The U.S. Food and Drug Administration (FDA) has banned imports from two facilities operated by Indian pharmaceutical company Ipca Laboratories Ltd.
The agency said that generic drugs produced at Ipca's plants in Pithampur and Silvassa were now subject to an import alert because the facilities did not comply with standard drug manufacturing practices. Details of why the FDA reached this conclusion were not released.
In a stock exchange statement, Ipca said that following an earlier inspection of its active pharmaceutical ingredients (APIs) production unit at Ratlam in Madhya Pradesh, FDA officials visited the company's formulations manufacturing units in Pithampur and Silvassa and issued their inspection observations in a Form 483.
This document sets out investigators' concerns over conditions or practices observed at the facility.
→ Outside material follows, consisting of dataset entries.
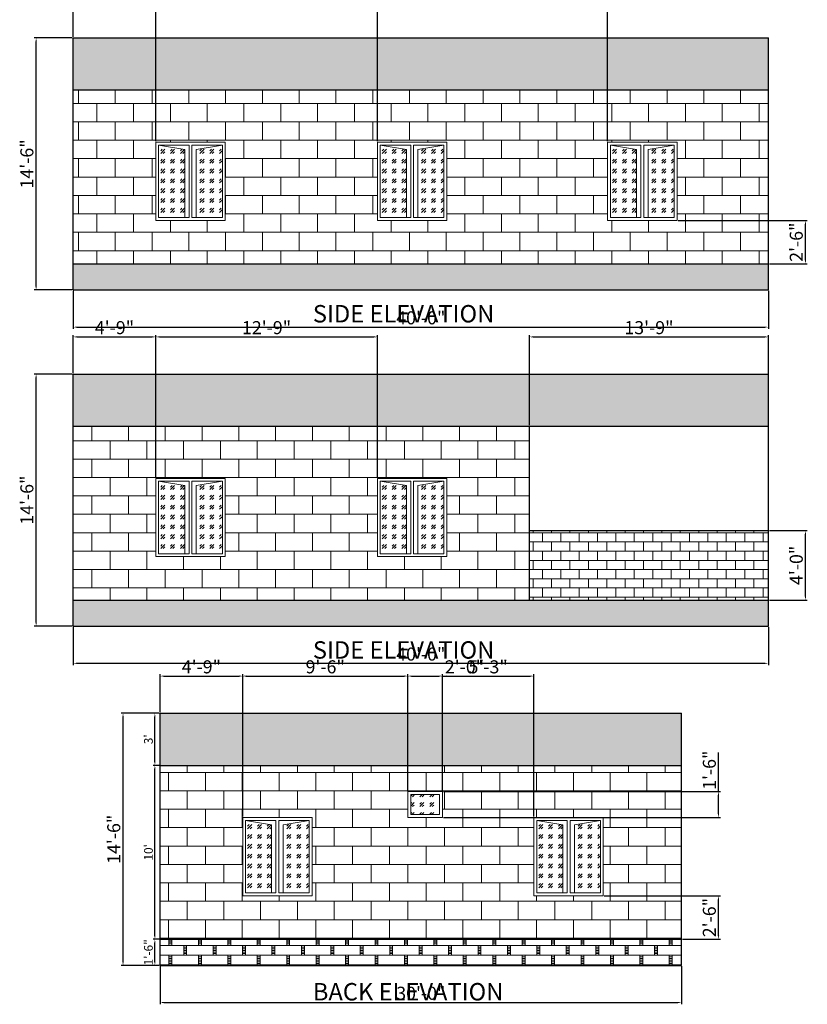
# Model space of a CAD drawing. Units: inches. Extents: x 2639 to 6021, y 292 to 2009.
# Tile 1 of 6: x 2639 to 3183, y 292 to 971. Entities that reach past the tile are written whole.
import ezdxf

# ---------------------------------------------------------------- set-up
doc = ezdxf.new("R2010")
doc.units = ezdxf.units.IN
for name, color, linetype, lineweight in [('A-ANNO-DIMS', 2, 'Continuous', 18), ('A-ANNO-TEXT', 7, 'Continuous', 18), ('A-ELEV', 7, 'Continuous', 30), ('A-ELEV-PATT', 8, 'Continuous', 13), ('A-GLAZ', 4, 'Continuous', 18), ('A-GLAZ-PATT', 9, 'Continuous', 13)]:
    doc.layers.add(name, color=color, linetype=linetype, lineweight=lineweight)
doc.layers.add('A-ELEV-MASN-PATT', color=30, linetype='Continuous', lineweight=13, true_color=0xf26722)
doc.styles.get("Standard").update_dxf_attribs({"font": 'arial.ttf'})
doc.dimstyles.new('ISO-25', dxfattribs={"dimtxt": 9, "dimasz": 2.5, "dimexe": 1.25, "dimexo": 0.625, "dimtad": 1, "dimdec": 1, "dimlunit": 3, "dimtxsty": 'Standard', "dimcen": 2.5, "dimadec": 0, "dimazin": 0, "dimtfac": 1, "dimtdec": 1, "dimtmove": 0, "dimatfit": 3, "dimfxl": 1, "dimarcsym": 0})

# ---------------------------------------------------------------- blocks, each defined once
blk = doc.blocks.new('*D18')
at = {"layer": 'A-ANNO-DIMS', "color": 0, "lineweight": -2, "transparency": 16777216}
for p, q in [((2735.48, 337.02), (2731.25, 337.02)), ((2732.5, 321.52), (2732.5, 334.52)), ((2735.48, 319.02), (2731.25, 319.02))]:
    blk.add_line(p, q, dxfattribs=at)
at = {"layer": 'A-ANNO-DIMS', "color": 0, "transparency": 16777216}
for points in [[(2732.09, 334.52), (2732.92, 334.52), (2732.5, 337.02)], [(2732.09, 321.52), (2732.92, 321.52), (2732.5, 319.02)]]:
    blk.add_solid(points, dxfattribs=at)
at = {"layer": 'Defpoints', "color": 0, "transparency": 16777216}
for p in [(2732.5, 337.02), (2736.11, 337.02), (2736.11, 319.02)]:
    blk.add_point(p, dxfattribs=at)
at = {"layer": 'A-ANNO-DIMS', "color": 0, "transparency": 16777216, "insert": (2728.81, 328.02), "char_height": 6, "attachment_point": 5, "rotation": 90}
blk.add_mtext('1\'-6"', dxfattribs=at)
blk = doc.blocks.new('*D19')
at = {"layer": 'A-ANNO-DIMS', "color": 0, "lineweight": -2, "transparency": 16777216}
for p, q in [((2735.48, 457.02), (2731.25, 457.02)), ((2732.5, 339.52), (2732.5, 454.52)), ((2735.48, 337.02), (2731.25, 337.02))]:
    blk.add_line(p, q, dxfattribs=at)
at = {"layer": 'A-ANNO-DIMS', "color": 0, "transparency": 16777216}
for points in [[(2732.09, 454.52), (2732.92, 454.52), (2732.5, 457.02)], [(2732.09, 339.52), (2732.92, 339.52), (2732.5, 337.02)]]:
    blk.add_solid(points, dxfattribs=at)
at = {"layer": 'Defpoints', "color": 0, "transparency": 16777216}
for p in [(2732.5, 457.02), (2736.11, 457.02), (2736.11, 337.02)]:
    blk.add_point(p, dxfattribs=at)
at = {"layer": 'A-ANNO-DIMS', "color": 0, "transparency": 16777216, "insert": (2728.81, 397.02), "char_height": 6, "attachment_point": 5, "rotation": 90}
blk.add_mtext("10'", dxfattribs=at)
blk = doc.blocks.new('*D20')
at = {"layer": 'A-ANNO-DIMS', "color": 0, "lineweight": -2, "transparency": 16777216}
for p, q in [((2735.48, 493.02), (2731.25, 493.02)), ((2732.5, 459.52), (2732.5, 490.52)), ((2735.48, 457.02), (2731.25, 457.02))]:
    blk.add_line(p, q, dxfattribs=at)
at = {"layer": 'A-ANNO-DIMS', "color": 0, "transparency": 16777216}
for points in [[(2732.09, 490.52), (2732.92, 490.52), (2732.5, 493.02)], [(2732.09, 459.52), (2732.92, 459.52), (2732.5, 457.02)]]:
    blk.add_solid(points, dxfattribs=at)
at = {"layer": 'Defpoints', "color": 0, "transparency": 16777216}
for p in [(2732.5, 493.02), (2736.11, 493.02), (2736.11, 457.02)]:
    blk.add_point(p, dxfattribs=at)
at = {"layer": 'A-ANNO-DIMS', "color": 0, "transparency": 16777216, "insert": (2728.81, 475.02), "char_height": 6, "attachment_point": 5, "rotation": 90}
blk.add_mtext("3'", dxfattribs=at)
blk = doc.blocks.new('*D78')
at = {"layer": 'A-ANNO-DIMS', "color": 0, "lineweight": -2, "transparency": 16777216}
for p, q in [((2736.11, 318.4), (2736.11, 292.17)), ((3096.11, 318.4), (3096.11, 292.17)), ((2738.61, 293.42), (3093.61, 293.42))]:
    blk.add_line(p, q, dxfattribs=at)
at = {"layer": 'A-ANNO-DIMS', "color": 0, "transparency": 16777216}
for points in [[(2738.61, 293.84), (2738.61, 293), (2736.11, 293.42)], [(3093.61, 293.84), (3093.61, 293), (3096.11, 293.42)]]:
    blk.add_solid(points, dxfattribs=at)
at = {"layer": 'Defpoints', "color": 0, "transparency": 16777216}
for p in [(2736.11, 319.02), (3096.11, 319.02), (3096.11, 293.42)]:
    blk.add_point(p, dxfattribs=at)
at = {"layer": 'A-ANNO-DIMS', "color": 0, "transparency": 16777216, "insert": (2916.11, 298.64), "char_height": 9, "attachment_point": 5}
blk.add_mtext('30\'-0"', dxfattribs=at)
blk = doc.blocks.new('*D79')
at = {"layer": 'A-ANNO-DIMS', "color": 0, "lineweight": -2, "transparency": 16777216}
for p, q in [((2735.48, 493.02), (2709.26, 493.02)), ((2710.51, 321.52), (2710.51, 490.52)), ((2735.48, 319.02), (2709.26, 319.02))]:
    blk.add_line(p, q, dxfattribs=at)
at = {"layer": 'A-ANNO-DIMS', "color": 0, "transparency": 16777216}
for points in [[(2710.09, 490.52), (2710.92, 490.52), (2710.51, 493.02)], [(2710.09, 321.52), (2710.92, 321.52), (2710.51, 319.02)]]:
    blk.add_solid(points, dxfattribs=at)
at = {"layer": 'Defpoints', "color": 0, "transparency": 16777216}
for p in [(2710.51, 493.02), (2736.11, 493.02), (2736.11, 319.02)]:
    blk.add_point(p, dxfattribs=at)
at = {"layer": 'A-ANNO-DIMS', "color": 0, "transparency": 16777216, "insert": (2705.29, 406.02), "char_height": 9, "attachment_point": 5, "rotation": 90}
blk.add_mtext('14\'-6"', dxfattribs=at)
blk = doc.blocks.new('*D80')
at = {"layer": 'A-ANNO-DIMS', "color": 0, "lineweight": -2, "transparency": 16777216}
for p, q in [((2736.11, 493.65), (2736.11, 519.87)), ((2738.61, 518.62), (2790.61, 518.62)), ((2793.11, 421.65), (2793.11, 519.87))]:
    blk.add_line(p, q, dxfattribs=at)
at = {"layer": 'A-ANNO-DIMS', "color": 0, "transparency": 16777216}
for points in [[(2738.61, 519.04), (2738.61, 518.2), (2736.11, 518.62)], [(2790.61, 519.04), (2790.61, 518.2), (2793.11, 518.62)]]:
    blk.add_solid(points, dxfattribs=at)
at = {"layer": 'Defpoints', "color": 0, "transparency": 16777216}
for p in [(2793.11, 518.62), (2736.11, 493.02), (2793.11, 421.02)]:
    blk.add_point(p, dxfattribs=at)
at = {"layer": 'A-ANNO-DIMS', "color": 0, "transparency": 16777216, "insert": (2764.61, 523.84), "char_height": 9, "attachment_point": 5}
blk.add_mtext('4\'-9"', dxfattribs=at)
blk = doc.blocks.new('*D81')
at = {"layer": 'A-ANNO-DIMS', "color": 0, "lineweight": -2, "transparency": 16777216}
for p, q in [((2793.11, 421.65), (2793.11, 519.87)), ((2795.61, 518.62), (2904.61, 518.62)), ((2907.11, 439.65), (2907.11, 519.87))]:
    blk.add_line(p, q, dxfattribs=at)
at = {"layer": 'A-ANNO-DIMS', "color": 0, "transparency": 16777216}
for points in [[(2795.61, 519.04), (2795.61, 518.2), (2793.11, 518.62)], [(2904.61, 519.04), (2904.61, 518.2), (2907.11, 518.62)]]:
    blk.add_solid(points, dxfattribs=at)
at = {"layer": 'Defpoints', "color": 0, "transparency": 16777216}
for p in [(2907.11, 518.62), (2907.11, 439.02), (2793.11, 421.02)]:
    blk.add_point(p, dxfattribs=at)
at = {"layer": 'A-ANNO-DIMS', "color": 0, "transparency": 16777216, "insert": (2850.11, 523.84), "char_height": 9, "attachment_point": 5}
blk.add_mtext('9\'-6"', dxfattribs=at)
blk = doc.blocks.new('*D82')
at = {"layer": 'A-ANNO-DIMS', "color": 0, "lineweight": -2, "transparency": 16777216}
for p, q in [((2907.11, 439.65), (2907.11, 519.87)), ((2909.61, 518.62), (2928.61, 518.62)), ((2931.11, 439.65), (2931.11, 519.87)), ((2931.11, 518.62), (2958.94, 518.62))]:
    blk.add_line(p, q, dxfattribs=at)
at = {"layer": 'A-ANNO-DIMS', "color": 0, "transparency": 16777216}
for points in [[(2909.61, 519.04), (2909.61, 518.2), (2907.11, 518.62)], [(2928.61, 519.04), (2928.61, 518.2), (2931.11, 518.62)]]:
    blk.add_solid(points, dxfattribs=at)
at = {"layer": 'Defpoints', "color": 0, "transparency": 16777216}
for p in [(2931.11, 518.62), (2907.11, 439.02), (2931.11, 439.02)]:
    blk.add_point(p, dxfattribs=at)
at = {"layer": 'A-ANNO-DIMS', "color": 0, "transparency": 16777216, "insert": (2946.27, 523.84), "char_height": 9, "attachment_point": 5}
blk.add_mtext('2\'-0"', dxfattribs=at)
blk = doc.blocks.new('*D83')
at = {"layer": 'A-ANNO-DIMS', "color": 0, "lineweight": -2, "transparency": 16777216}
for p, q in [((2931.11, 439.65), (2931.11, 519.87)), ((2933.61, 518.62), (2991.61, 518.62)), ((2994.11, 421.65), (2994.11, 519.87))]:
    blk.add_line(p, q, dxfattribs=at)
at = {"layer": 'A-ANNO-DIMS', "color": 0, "transparency": 16777216}
for points in [[(2933.61, 519.04), (2933.61, 518.2), (2931.11, 518.62)], [(2991.61, 519.04), (2991.61, 518.2), (2994.11, 518.62)]]:
    blk.add_solid(points, dxfattribs=at)
at = {"layer": 'Defpoints', "color": 0, "transparency": 16777216}
for p in [(2994.11, 518.62), (2931.11, 439.02), (2994.11, 421.02)]:
    blk.add_point(p, dxfattribs=at)
at = {"layer": 'A-ANNO-DIMS', "color": 0, "transparency": 16777216, "insert": (2962.61, 523.84), "char_height": 9, "attachment_point": 5}
blk.add_mtext('5\'-3"', dxfattribs=at)
blk = doc.blocks.new('*D84')
at = {"layer": 'A-ANNO-DIMS', "color": 0, "lineweight": -2, "transparency": 16777216}
for p, q in [((3121.71, 439.02), (3121.71, 465.85)), ((2931.73, 439.02), (3122.96, 439.02)), ((3121.71, 423.52), (3121.71, 436.52)), ((2931.73, 421.02), (3122.96, 421.02))]:
    blk.add_line(p, q, dxfattribs=at)
at = {"layer": 'A-ANNO-DIMS', "color": 0, "transparency": 16777216}
for points in [[(3121.29, 436.52), (3122.12, 436.52), (3121.71, 439.02)], [(3121.29, 423.52), (3122.12, 423.52), (3121.71, 421.02)]]:
    blk.add_solid(points, dxfattribs=at)
at = {"layer": 'Defpoints', "color": 0, "transparency": 16777216}
for p in [(2931.11, 439.02), (3121.71, 439.02), (2931.11, 421.02)]:
    blk.add_point(p, dxfattribs=at)
at = {"layer": 'A-ANNO-DIMS', "color": 0, "transparency": 16777216, "insert": (3116.49, 453.68), "char_height": 9, "attachment_point": 5, "rotation": 90}
blk.add_mtext('1\'-6"', dxfattribs=at)
blk = doc.blocks.new('*D85')
at = {"layer": 'A-ANNO-DIMS', "color": 0, "lineweight": -2, "transparency": 16777216}
for p, q in [((3042.73, 367.02), (3122.96, 367.02)), ((3121.71, 339.52), (3121.71, 364.52)), ((3096.73, 337.02), (3122.96, 337.02))]:
    blk.add_line(p, q, dxfattribs=at)
at = {"layer": 'A-ANNO-DIMS', "color": 0, "transparency": 16777216}
for points in [[(3121.29, 364.52), (3122.12, 364.52), (3121.71, 367.02)], [(3121.29, 339.52), (3122.12, 339.52), (3121.71, 337.02)]]:
    blk.add_solid(points, dxfattribs=at)
at = {"layer": 'Defpoints', "color": 0, "transparency": 16777216}
for p in [(3042.11, 367.02), (3121.71, 367.02), (3096.11, 337.02)]:
    blk.add_point(p, dxfattribs=at)
at = {"layer": 'A-ANNO-DIMS', "color": 0, "transparency": 16777216, "insert": (3116.49, 352.02), "char_height": 9, "attachment_point": 5, "rotation": 90}
blk.add_mtext('2\'-6"', dxfattribs=at)
blk = doc.blocks.new('*D86')
at = {"layer": 'A-ANNO-DIMS', "color": 0, "lineweight": -2, "transparency": 16777216}
for p, q in [((2676.11, 784.36), (2676.11, 758.14)), ((3156.11, 784.36), (3156.11, 758.14)), ((2678.61, 759.39), (3153.61, 759.39))]:
    blk.add_line(p, q, dxfattribs=at)
at = {"layer": 'A-ANNO-DIMS', "color": 0, "transparency": 16777216}
for points in [[(2678.61, 759.8), (2678.61, 758.97), (2676.11, 759.39)], [(3153.61, 759.8), (3153.61, 758.97), (3156.11, 759.39)]]:
    blk.add_solid(points, dxfattribs=at)
at = {"layer": 'Defpoints', "color": 0, "transparency": 16777216}
for p in [(2676.11, 784.99), (3156.11, 784.99), (3156.11, 759.39)]:
    blk.add_point(p, dxfattribs=at)
at = {"layer": 'A-ANNO-DIMS', "color": 0, "transparency": 16777216, "insert": (2916.11, 764.61), "char_height": 9, "attachment_point": 5}
blk.add_mtext('40\'-0"', dxfattribs=at)
blk = doc.blocks.new('*D87')
at = {"layer": 'A-ANNO-DIMS', "color": 0, "lineweight": -2, "transparency": 16777216}
for p, q in [((2675.48, 958.99), (2649.26, 958.99)), ((2650.51, 787.49), (2650.51, 956.49)), ((2675.48, 784.99), (2649.26, 784.99))]:
    blk.add_line(p, q, dxfattribs=at)
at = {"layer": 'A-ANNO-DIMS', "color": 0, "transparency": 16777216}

"We now wish to inform you that the U.S. FDA has issued import alert to the company's said formulations manufacturing units situated at SEZ Indore (Pithampur) and Piparia (Silvassa) on March 24, 2015," the company stated.
India's pharmaceutical sector, a major supplier to the U.S. market, has faced increased scrutiny by the FDA over the past two years. Several manufacturers have faced sanctions over issues ranging from hygiene levels to concealing data on failed tests, Reuters reported.
Commenting on the latest action by the U.S. regulator, Ipca pledged to get its plants FDA-compliant as soon as possible so that it can fully resume exports to the United States.
"The company is fully committed in resolving this issue at the earliest. The company is also committed to its philosophy of highest quality in manufacturing, operations, systems, integrity and cGMP culture," Ipca stressed.